Simple attention is tested through a digit span task (forward and backward), while sustained attention is assessed via a continuous subtraction task. Working memory is evaluated through the digit span backward component[1:2].
Language assessment includes object naming, sentence repetition, and phonemic fluency (generating words beginning with a specific letter). Language deficits are prominent in Primary Progressive Aphasia and Alzheimer's Disease[2:2].
Participants are asked to state the current date, day of week, and location (city, hospital/clinic). Disorientation is a hallmark of advanced dementia but can appear early in certain conditions[1:3].
The MoCA is scored out of 30 points, with different cognitive domains contributing varying numbers of points:
| Domain | Maximum Points |
|---|---|
| Visuospatial/Executive | 5 |
| Naming | 3 |
| Attention | 6 |
| Language | 3 |
| Abstraction | 2 |
| Delayed Recall | 5 |
| Orientation | 6 |
A score of 26 or above is generally considered within the normal range, though the cutoff may vary based on education level and demographic factors[3:2]. However, some studies suggest that age and education-adjusted cutoffs may be more appropriate for specific populations[4].
The MoCA is used to detect and monitor cognitive impairment in numerous neurodegenerative conditions2:
The MoCA is highly sensitive (90%) for detecting mild cognitive impairment due to Alzheimer's Disease, significantly outperforming the MMSE (18% sensitivity) in this regard[3:3]. It is commonly used in memory clinics and research trials for early detection.
In Parkinson's Disease, the MoCA is used to detect Parkinson's Disease Mild Cognitive Impairment (PD-MCI), which affects up to 50% of PD patients. Specific subtests, particularly executive function and attention tasks, are particularly sensitive to PD-related cognitive changes[2:3].
The MoCA can help distinguish Lewy Body Dementia from Alzheimer's Disease, as patients with LBD often show particular deficits in attention and executive functions. Fluctuations in cognition, a core feature of LBD, can also be assessed through repeated administrations[3:4].
Patients with FTD often show characteristic patterns of impairment on the MoCA, with particular deficits in executive function and language tasks. The test helps differentiate FTD from Alzheimer's Disease, which typically shows more prominent memory impairment[2:4].
Cognitive decline is a core feature of Huntington's Disease, and the MoCA is used to track disease progression. Executive dysfunction and attention deficits are typically the earliest cognitive changes detected[3:5].
The MoCA is sensitive to the cognitive deficits associated with cerebrovascular disease, including multi-infarct dementia and subcortical Vascular Dementia. Executive function and attention tasks are particularly affected in VCI[4:1].

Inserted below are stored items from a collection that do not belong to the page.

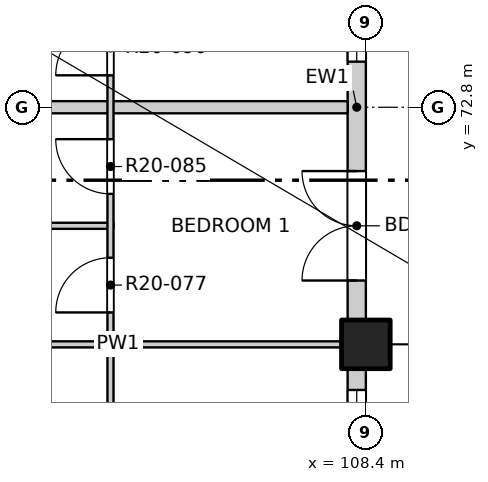
"""IFC4 building model, lengths in metres.
Left out: names, types, materials, properties, quantities, classifications, styles, units other than length and angle.
Written with IfcOpenShell. Run it as: python <this file> out.ifc"""

import sys

from ifc_helpers import new_model, si_unit, direction, frame, frame_2d, origin, origin_2d, place, context, subcontext, project, spatial, rectangle, extrude, element, fill, save


model = new_model("IFC4")
c1 = context("Model", 3, precision=1e-05, world=origin(), true_north=direction((0.0, 1.0)))
c2 = subcontext(c1, "Body", "Model", "MODEL_VIEW")
j1 = project(units=[si_unit("LENGTHUNIT", "METRE"), si_unit("PLANEANGLEUNIT", "RADIAN")], contexts=[c1])
p1 = place(None, origin())
s1 = spatial("IfcSite", under=j1, at=p1, CompositionType="ELEMENT")
p2 = place(p1, origin())
s2 = spatial("IfcBuilding", under=s1, at=p2, CompositionType="ELEMENT")
p3 = place(p2, frame((0.0, 0.0, 204.1)))
s3 = spatial("IfcBuildingStorey", under=s2, at=p3, CompositionType="ELEMENT", Elevation=204.1)
p4 = place(p3, frame((108.4, 68.9, -0.25), z_axis=(0.0, 0.0, 1.0), x_axis=(1.0, 0.0, 0.0)))
e1 = element("IfcColumn", 1, at=p4, inside=s3, PredefinedType="COLUMN", context=c2, shape_type="SweptSolid", body=[
    extrude(rectangle(XDim=0.8, YDim=0.8, at=origin_2d()), origin(), (0.0, 0.0, 1.0), 3.4),
])
p5 = place(p3, frame((108.25, 61.5, 0.0), z_axis=(0.0, 0.0, 1.0), x_axis=(0.0, 1.0, 0.0)))
e2 = element("IfcWall", 2, at=p5, inside=s3, PredefinedType="SOLIDWALL", context=c2, shape_type="SweptSolid", body=[
    extrude(rectangle(XDim=7.0, YDim=0.3, at=frame_2d((3.5, 0.0))), origin(), (0.0, 0.0, 1.0), 2.7),
])
p6 = place(p5, frame((0.65, 0.0, 0.0)))
e3 = element("IfcOpeningElement", 3, at=p6, cuts=e2, PredefinedType="OPENING", context=c2, shape_type="SweptSolid", body=[
    extrude(rectangle(XDim=1.8, YDim=2.4, at=frame_2d((0.9, 1.2))), frame((0.0, 0.16, 0.0), z_axis=(0.0, -1.0, 0.0), x_axis=(1.0, 0.0, 0.0)), (0.0, 0.0, 1.0), 0.32),
])
p7 = place(p5, frame((4.25, 0.0, 0.9)))
e4 = element("IfcOpeningElement", 4, at=p7, cuts=e2, PredefinedType="OPENING", context=c2, shape_type="SweptSolid", body=[
    extrude(rectangle(XDim=2.4, YDim=1.8, at=frame_2d((1.2, 0.9))), frame((0.0, 0.16, 0.0), z_axis=(0.0, -1.0, 0.0), x_axis=(1.0, 0.0, 0.0)), (0.0, 0.0, 1.0), 0.32),
])
p8 = place(p3, frame((108.25, 69.3, 0.0), z_axis=(0.0, 0.0, 1.0), x_axis=(0.0, 1.0, 0.0)))
e5 = element("IfcWall", 5, at=p8, inside=s3, PredefinedType="SOLIDWALL", context=c2, shape_type="SweptSolid", body=[
    extrude(rectangle(XDim=7.0, YDim=0.3, at=frame_2d((3.5, 0.0))), origin(), (0.0, 0.0, 1.0), 2.7),
])
p9 = place(p8, frame((0.65, 0.0, 0.0)))
e6 = element("IfcOpeningElement", 6, at=p9, cuts=e5, PredefinedType="OPENING", context=c2, shape_type="SweptSolid", body=[
    extrude(rectangle(XDim=1.8, YDim=2.4, at=frame_2d((0.9, 1.2))), frame((0.0, 0.16, 0.0), z_axis=(0.0, -1.0, 0.0), x_axis=(1.0, 0.0, 0.0)), (0.0, 0.0, 1.0), 0.32),
])
p10 = place(p8, frame((4.25, 0.0, 0.9)))
e7 = element("IfcOpeningElement", 7, at=p10, cuts=e5, PredefinedType="OPENING", context=c2, shape_type="SweptSolid", body=[
    extrude(rectangle(XDim=2.4, YDim=1.8, at=frame_2d((1.2, 0.9))), frame((0.0, 0.16, 0.0), z_axis=(0.0, -1.0, 0.0), x_axis=(1.0, 0.0, 0.0)), (0.0, 0.0, 1.0), 0.32),
])
p11 = place(p3, frame((100.55, 68.9, 0.0), z_axis=(0.0, 0.0, 1.0), x_axis=(1.0, 0.0, 0.0)))
e8 = element("IfcWall", 8, at=p11, inside=s3, PredefinedType="PARTITIONING", context=c2, shape_type="SweptSolid", body=[
    extrude(rectangle(XDim=7.55, YDim=0.1, at=frame_2d((3.775, 0.0))), origin(), (0.0, 0.0, 1.0), 2.55),
])
p12 = place(p3, frame((100.55, 70.85, 0.0), z_axis=(0.0, 0.0, 1.0), x_axis=(1.0, 0.0, 0.0)))
e9 = element("IfcWall", 9, at=p12, inside=s3, PredefinedType="PARTITIONING", context=c2, shape_type="SweptSolid", body=[
    extrude(rectangle(XDim=3.7, YDim=0.1, at=frame_2d((1.85, 0.0))), origin(), (0.0, 0.0, 1.0), 3.15),
])
p13 = place(p3, frame((96.6, 72.8, 0.0), z_axis=(0.0, 0.0, 1.0), x_axis=(1.0, 0.0, 0.0)))
e10 = element("IfcWall", 10, at=p13, inside=s3, PredefinedType="PARTITIONING", context=c2, shape_type="SweptSolid", body=[
    extrude(rectangle(XDim=11.5, YDim=0.2, at=frame_2d((5.75, 0.0))), origin(), (0.0, 0.0, 1.0), 3.15),
])
p14 = place(p3, frame((104.2, 61.2, 0.0), z_axis=(0.0, 0.0, 1.0), x_axis=(0.0, 1.0, 0.0)))
e11 = element("IfcWall", 11, at=p14, inside=s3, PredefinedType="PARTITIONING", context=c2, shape_type="SweptSolid", body=[
    extrude(rectangle(XDim=26.9, YDim=0.1, at=frame_2d((13.45, 0.0))), origin(), (0.0, 0.0, 1.0), 3.15),
])
p15 = place(p14, frame((1.25, 0.0, 0.0)))
e12 = element("IfcOpeningElement", 12, at=p15, cuts=e11, PredefinedType="OPENING", context=c2, shape_type="SweptSolid", body=[
    extrude(rectangle(XDim=1.2, YDim=2.1, at=frame_2d((0.6, 1.05))), frame((0.0, 0.06, 0.0), z_axis=(0.0, -1.0, 0.0), x_axis=(1.0, 0.0, 0.0)), (0.0, 0.0, 1.0), 0.12),
])
p16 = place(p14, frame((5.15, 0.0, 0.0)))
e13 = element("IfcOpeningElement", 13, at=p16, cuts=e11, PredefinedType="OPENING", context=c2, shape_type="SweptSolid", body=[
    extrude(rectangle(XDim=1.2, YDim=2.1, at=frame_2d((0.6, 1.05))), frame((0.0, 0.06, 0.0), z_axis=(0.0, -1.0, 0.0), x_axis=(1.0, 0.0, 0.0)), (0.0, 0.0, 1.0), 0.12),
])
p17 = place(p14, frame((8.225, 0.0, 0.0)))
e14 = element("IfcOpeningElement", 14, at=p17, cuts=e11, PredefinedType="OPENING", context=c2, shape_type="SweptSolid", body=[
    extrude(rectangle(XDim=0.9, YDim=2.1, at=frame_2d((0.45, 1.05))), frame((0.0, 0.06, 0.0), z_axis=(0.0, -1.0, 0.0), x_axis=(1.0, 0.0, 0.0)), (0.0, 0.0, 1.0), 0.12),
])
p18 = place(p14, frame((10.175, 0.0, 0.0)))
e15 = element("IfcOpeningElement", 15, at=p18, cuts=e11, PredefinedType="OPENING", context=c2, shape_type="SweptSolid", body=[
    extrude(rectangle(XDim=0.9, YDim=2.1, at=frame_2d((0.45, 1.05))), frame((0.0, 0.06, 0.0), z_axis=(0.0, -1.0, 0.0), x_axis=(1.0, 0.0, 0.0)), (0.0, 0.0, 1.0), 0.12),
])
p19 = place(p14, frame((12.125, 0.0, 0.0)))
e16 = element("IfcOpeningElement", 16, at=p19, cuts=e11, PredefinedType="OPENING", context=c2, shape_type="SweptSolid", body=[
    extrude(rectangle(XDim=0.9, YDim=2.1, at=frame_2d((0.45, 1.05))), frame((0.0, 0.06, 0.0), z_axis=(0.0, -1.0, 0.0), x_axis=(1.0, 0.0, 0.0)), (0.0, 0.0, 1.0), 0.12),
])
p20 = place(p14, frame((14.075, 0.0, 0.0)))
e17 = element("IfcOpeningElement", 17, at=p20, cuts=e11, PredefinedType="OPENING", context=c2, shape_type="SweptSolid", body=[
    extrude(rectangle(XDim=0.9, YDim=2.1, at=frame_2d((0.45, 1.05))), frame((0.0, 0.06, 0.0), z_axis=(0.0, -1.0, 0.0), x_axis=(1.0, 0.0, 0.0)), (0.0, 0.0, 1.0), 0.12),
])
p21 = place(p14, frame((16.85, 0.0, 0.0)))
e18 = element("IfcOpeningElement", 18, at=p21, cuts=e11, PredefinedType="OPENING", context=c2, shape_type="SweptSolid", body=[
    extrude(rectangle(XDim=1.2, YDim=2.1, at=frame_2d((0.6, 1.05))), frame((0.0, 0.06, 0.0), z_axis=(0.0, -1.0, 0.0), x_axis=(1.0, 0.0, 0.0)), (0.0, 0.0, 1.0), 0.12),
])
p22 = place(p14, frame((19.925, 0.0, 0.0)))
e19 = element("IfcOpeningElement", 19, at=p22, cuts=e11, PredefinedType="OPENING", context=c2, shape_type="SweptSolid", body=[
    extrude(rectangle(XDim=0.9, YDim=2.1, at=frame_2d((0.45, 1.05))), frame((0.0, 0.06, 0.0), z_axis=(0.0, -1.0, 0.0), x_axis=(1.0, 0.0, 0.0)), (0.0, 0.0, 1.0), 0.12),
])
p23 = place(p14, frame((21.875, 0.0, 0.0)))
e20 = element("IfcOpeningElement", 20, at=p23, cuts=e11, PredefinedType="OPENING", context=c2, shape_type="SweptSolid", body=[
    extrude(rectangle(XDim=0.9, YDim=2.1, at=frame_2d((0.45, 1.05))), frame((0.0, 0.06, 0.0), z_axis=(0.0, -1.0, 0.0), x_axis=(1.0, 0.0, 0.0)), (0.0, 0.0, 1.0), 0.12),
])
p24 = place(p14, frame((24.65, 0.0, 0.0)))
e21 = element("IfcOpeningElement", 21, at=p24, cuts=e11, PredefinedType="OPENING", context=c2, shape_type="SweptSolid", body=[
    extrude(rectangle(XDim=1.2, YDim=2.1, at=frame_2d((0.6, 1.05))), frame((0.0, 0.06, 0.0), z_axis=(0.0, -1.0, 0.0), x_axis=(1.0, 0.0, 0.0)), (0.0, 0.0, 1.0), 0.12),
])
p25 = place(p7, origin())
e22 = element("IfcWindow", 22, at=p25, inside=s3, PartitioningType="DOUBLE_PANEL_VERTICAL", PredefinedType="WINDOW", context=c2, shape_type="SweptSolid", body=[
    extrude(rectangle(XDim=2.4, YDim=1.8, at=frame_2d((1.2, 0.9))), frame((0.0, 0.03, 0.0), z_axis=(0.0, -1.0, 0.0), x_axis=(1.0, 0.0, 0.0)), (0.0, 0.0, 1.0), 0.06),
])
fill(e4, e22)
p26 = place(p9, origin())
e23 = element("IfcDoor", 23, at=p26, inside=s3, OperationType="DOUBLE_DOOR_SINGLE_SWING", PredefinedType="DOOR", context=c2, shape_type="SweptSolid", body=[
    extrude(rectangle(XDim=1.8, YDim=2.4, at=frame_2d((0.9, 1.2))), frame((0.0, 0.025, 0.0), z_axis=(0.0, -1.0, 0.0), x_axis=(1.0, 0.0, 0.0)), (0.0, 0.0, 1.0), 0.05),
])
fill(e6, e23)
p27 = place(p10, origin())
e24 = element("IfcWindow", 24, at=p27, inside=s3, PartitioningType="DOUBLE_PANEL_VERTICAL", PredefinedType="WINDOW", context=c2, shape_type="SweptSolid", body=[
    extrude(rectangle(XDim=2.4, YDim=1.8, at=frame_2d((1.2, 0.9))), frame((0.0, 0.03, 0.0), z_axis=(0.0, -1.0, 0.0), x_axis=(1.0, 0.0, 0.0)), (0.0, 0.0, 1.0), 0.06),
])
fill(e7, e24)
p28 = place(p17, origin())
e25 = element("IfcDoor", 25, at=p28, inside=s3, OperationType="SINGLE_SWING_LEFT", PredefinedType="DOOR", context=c2, shape_type="SweptSolid", body=[
    extrude(rectangle(XDim=0.9, YDim=2.1, at=frame_2d((0.45, 1.05))), frame((0.0, 0.025, 0.0), z_axis=(0.0, -1.0, 0.0), x_axis=(1.0, 0.0, 0.0)), (0.0, 0.0, 1.0), 0.05),
])
fill(e14, e25)
p29 = place(p18, origin())
e26 = element("IfcDoor", 26, at=p29, inside=s3, OperationType="SINGLE_SWING_RIGHT", PredefinedType="DOOR", context=c2, shape_type="SweptSolid", body=[
    extrude(rectangle(XDim=0.9, YDim=2.1, at=frame_2d((0.45, 1.05))), frame((0.0, 0.025, 0.0), z_axis=(0.0, -1.0, 0.0), x_axis=(1.0, 0.0, 0.0)), (0.0, 0.0, 1.0), 0.05),
])
fill(e15, e26)
p30 = place(p19, origin())
e27 = element("IfcDoor", 27, at=p30, inside=s3, OperationType="SINGLE_SWING_LEFT", PredefinedType="DOOR", context=c2, shape_type="SweptSolid", body=[
    extrude(rectangle(XDim=0.9, YDim=2.1, at=frame_2d((0.45, 1.05))), frame((0.0, 0.025, 0.0), z_axis=(0.0, -1.0, 0.0), x_axis=(1.0, 0.0, 0.0)), (0.0, 0.0, 1.0), 0.05),
])
fill(e16, e27)
save(model, sys.argv[1])

Cognitive impairment, including frontotemporal dysfunction, occurs in up to 50% of ALS patients. The MoCA provides a brief screening tool to detect these deficits, though more comprehensive neuropsychological testing is often warranted[3:6].
The MoCA offers several advantages over the older MMSE:
Despite its widespread use, the MoCA has limitations:
Multiple versions of the MoCA have been developed to address various clinical needs[3:8]:
The study of Montreal Cognitive Assessment (Moca) has evolved significantly over the past decades. Research in this area has revealed important insights into the underlying mechanisms of neurodegeneration and continues to drive therapeutic development.
Historical context and key discoveries in this field have shaped our current understanding and will continue to guide future research directions.
Dynamic functional connectivity measures are more reliable than stationary connectivity measures in attention networks
Dorsal attention network (DAN) Factor 3 (anterior DAN) obtained at rest significantly predicts alerting effect on Attention Network Test in both sessions (p=0.001 and p=0.037)
Fronto-parietal task control network (FPTC) Factor 3 predicts orienting effect at Session 1 (p=0.010)
The relationship between DAN Factor 3 and alerting effect was present during both rest and task conditions
Changes in dynamic connectivity factor scores between sessions correlated with changes in accuracy in Incongruent Flanker trials
Higher dynamic connectivity (factor scores) was associated with larger alerting and orienting effects, possibly reflecting more effortful processing or rigidity in resource reallocation
No significant group differences in ICA-defined resting networks between PD and controls, suggesting subtle differences in early-stage PD
Dynamic connectivity factor structures are stable across rest and task states (Procrustes congruence 0.89-0.93 for DAN)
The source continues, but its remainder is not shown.